3.) Liste von Vars, Instanzen und Funktionen einer java-class würden die Navigation im Quellcode
erheblich beschleuinigen !

gibts da schon was ?

(das einzige, was ich in netbeans vermisse, sind Shift-Left/Right für Quellcode UND eine durchschaubare
JAR-FILE-Generation mit externen jars !)

mfg
wolf


----------



## Mag1c (29. Sep 2005)

Hi,

zu 1.) Window -> Preferences... -> Java -> Editor -> Templates
hier kannst du eigene Templates definieren (z.B. sout) welche dann bei Engabe mittels <Strg><Space> expandiert werden können.

zu 2.) Was meinst du damit ? Wofür brauchst du das ? Evtl. gibt es ein anderes Feature dafür.
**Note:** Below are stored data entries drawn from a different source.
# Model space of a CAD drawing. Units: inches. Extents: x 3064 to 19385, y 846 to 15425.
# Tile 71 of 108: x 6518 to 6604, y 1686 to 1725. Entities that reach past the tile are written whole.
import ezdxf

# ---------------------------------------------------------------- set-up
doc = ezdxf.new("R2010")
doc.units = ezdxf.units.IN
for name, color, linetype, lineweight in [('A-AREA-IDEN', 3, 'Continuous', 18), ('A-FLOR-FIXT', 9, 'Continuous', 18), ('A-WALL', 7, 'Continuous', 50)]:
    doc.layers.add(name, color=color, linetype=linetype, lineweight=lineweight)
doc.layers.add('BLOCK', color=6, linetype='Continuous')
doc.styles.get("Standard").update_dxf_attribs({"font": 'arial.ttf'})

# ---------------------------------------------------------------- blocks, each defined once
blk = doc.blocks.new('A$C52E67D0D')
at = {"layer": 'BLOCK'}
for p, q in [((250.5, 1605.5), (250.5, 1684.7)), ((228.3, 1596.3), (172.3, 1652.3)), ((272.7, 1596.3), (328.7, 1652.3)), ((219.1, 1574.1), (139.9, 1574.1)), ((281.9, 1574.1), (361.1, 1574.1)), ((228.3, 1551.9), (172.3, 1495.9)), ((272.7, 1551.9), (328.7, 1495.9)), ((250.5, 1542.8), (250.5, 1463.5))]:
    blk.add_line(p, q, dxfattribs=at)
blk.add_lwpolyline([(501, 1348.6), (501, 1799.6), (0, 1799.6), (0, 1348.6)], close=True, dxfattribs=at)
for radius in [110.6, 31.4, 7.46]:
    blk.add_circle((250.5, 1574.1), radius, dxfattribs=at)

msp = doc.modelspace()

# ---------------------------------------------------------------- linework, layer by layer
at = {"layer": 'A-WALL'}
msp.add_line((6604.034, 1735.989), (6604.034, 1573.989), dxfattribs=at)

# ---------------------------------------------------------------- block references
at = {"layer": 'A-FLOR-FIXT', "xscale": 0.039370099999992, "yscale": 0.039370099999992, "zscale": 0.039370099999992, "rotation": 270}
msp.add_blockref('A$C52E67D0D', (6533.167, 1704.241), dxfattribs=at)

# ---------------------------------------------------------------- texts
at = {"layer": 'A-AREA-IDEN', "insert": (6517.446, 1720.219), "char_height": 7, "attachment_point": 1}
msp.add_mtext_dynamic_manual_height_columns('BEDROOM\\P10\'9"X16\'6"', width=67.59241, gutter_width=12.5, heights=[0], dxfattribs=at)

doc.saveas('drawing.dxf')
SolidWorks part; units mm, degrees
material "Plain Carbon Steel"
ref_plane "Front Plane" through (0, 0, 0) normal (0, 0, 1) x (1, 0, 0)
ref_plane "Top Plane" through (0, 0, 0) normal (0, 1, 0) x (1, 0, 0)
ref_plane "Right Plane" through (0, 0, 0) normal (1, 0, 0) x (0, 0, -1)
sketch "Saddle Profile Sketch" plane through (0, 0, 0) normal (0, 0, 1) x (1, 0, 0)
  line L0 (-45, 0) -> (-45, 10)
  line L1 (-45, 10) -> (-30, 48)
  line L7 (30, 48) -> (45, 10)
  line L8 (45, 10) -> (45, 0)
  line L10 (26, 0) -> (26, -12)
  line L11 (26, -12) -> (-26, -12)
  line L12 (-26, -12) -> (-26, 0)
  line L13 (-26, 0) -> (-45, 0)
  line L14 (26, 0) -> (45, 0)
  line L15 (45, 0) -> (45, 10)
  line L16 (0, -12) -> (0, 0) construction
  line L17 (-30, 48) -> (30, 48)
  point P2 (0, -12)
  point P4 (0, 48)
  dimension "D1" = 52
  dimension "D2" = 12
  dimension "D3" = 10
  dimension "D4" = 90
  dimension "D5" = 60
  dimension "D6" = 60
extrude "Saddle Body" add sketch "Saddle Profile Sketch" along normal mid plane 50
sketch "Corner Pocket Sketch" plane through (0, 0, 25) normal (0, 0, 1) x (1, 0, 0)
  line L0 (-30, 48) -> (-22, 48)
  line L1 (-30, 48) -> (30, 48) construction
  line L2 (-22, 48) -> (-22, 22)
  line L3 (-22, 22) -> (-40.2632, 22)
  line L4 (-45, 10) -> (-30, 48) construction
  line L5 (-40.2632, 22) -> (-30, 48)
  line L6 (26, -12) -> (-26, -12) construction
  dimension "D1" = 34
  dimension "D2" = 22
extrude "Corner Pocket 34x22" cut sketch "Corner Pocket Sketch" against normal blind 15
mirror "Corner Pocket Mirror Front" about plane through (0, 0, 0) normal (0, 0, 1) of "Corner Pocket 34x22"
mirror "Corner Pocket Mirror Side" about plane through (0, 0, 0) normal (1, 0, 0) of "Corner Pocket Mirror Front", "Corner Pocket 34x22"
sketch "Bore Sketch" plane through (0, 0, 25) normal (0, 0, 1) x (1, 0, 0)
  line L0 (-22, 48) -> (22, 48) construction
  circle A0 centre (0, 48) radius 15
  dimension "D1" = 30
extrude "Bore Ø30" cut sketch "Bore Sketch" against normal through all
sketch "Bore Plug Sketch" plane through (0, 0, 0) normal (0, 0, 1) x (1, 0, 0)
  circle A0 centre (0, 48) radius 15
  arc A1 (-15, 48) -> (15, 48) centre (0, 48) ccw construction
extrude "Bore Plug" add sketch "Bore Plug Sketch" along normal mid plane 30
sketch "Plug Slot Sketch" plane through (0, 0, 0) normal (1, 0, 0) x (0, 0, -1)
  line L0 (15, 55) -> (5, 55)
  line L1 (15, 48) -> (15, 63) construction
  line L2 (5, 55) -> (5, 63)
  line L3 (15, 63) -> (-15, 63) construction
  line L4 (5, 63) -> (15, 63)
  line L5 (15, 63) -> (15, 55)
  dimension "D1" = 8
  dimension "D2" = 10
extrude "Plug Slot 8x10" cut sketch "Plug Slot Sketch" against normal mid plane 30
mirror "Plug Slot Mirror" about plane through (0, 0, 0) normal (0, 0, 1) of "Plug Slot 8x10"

zu 3.) Im Outline-View wird all das angezeigt. Alternativ auch Quick-Outline (<Strg>+O im Editor). Was fehlt noch ?

Gruß
Mag1c


----------



## Bleiglanz (29. Sep 2005)

1) das heisst in eclipse eben "sysout"


----------



## gast (30. Sep 2005)

danke für die hilfe mit templates und Outline

zu bookmarks :
ich finde es eben recht umständlich, ein bookmark erst benenen zu müssen,
da muß ich erst noch nen treffenden namen ausdenken, das stört ANDERE
gedankenflüsse..

werd nach projektabschluss mal eclipse näher anschauen..
immerhin klappt das mit den jars recht gut, das ist erstmal die hauptsache !

mfg
wolf


----------



## Mag1c (30. Sep 2005)

Moin,

deswegen fragte ich nach, wofür du denn die Bookmarks benutzt. Eclipse bietet z.B. noch sogenannte TASK-Tags an (Global: Window -> Preferences... -> Java -> Compiler -> Task Tags, oder projektspezifisch: Project -> Properties -> Java Compiler -> Task Tags) Dort kannst du auch eigene Tags definieren (ich habe z.B. HACK definiert). Diese Tags gibst du dann irgendwo als Kommentar ein und Eclipse zeigt dir alle Tasks im Task-View an. Feine Sache, wie ich finde.

Gruß
Mag1c


----------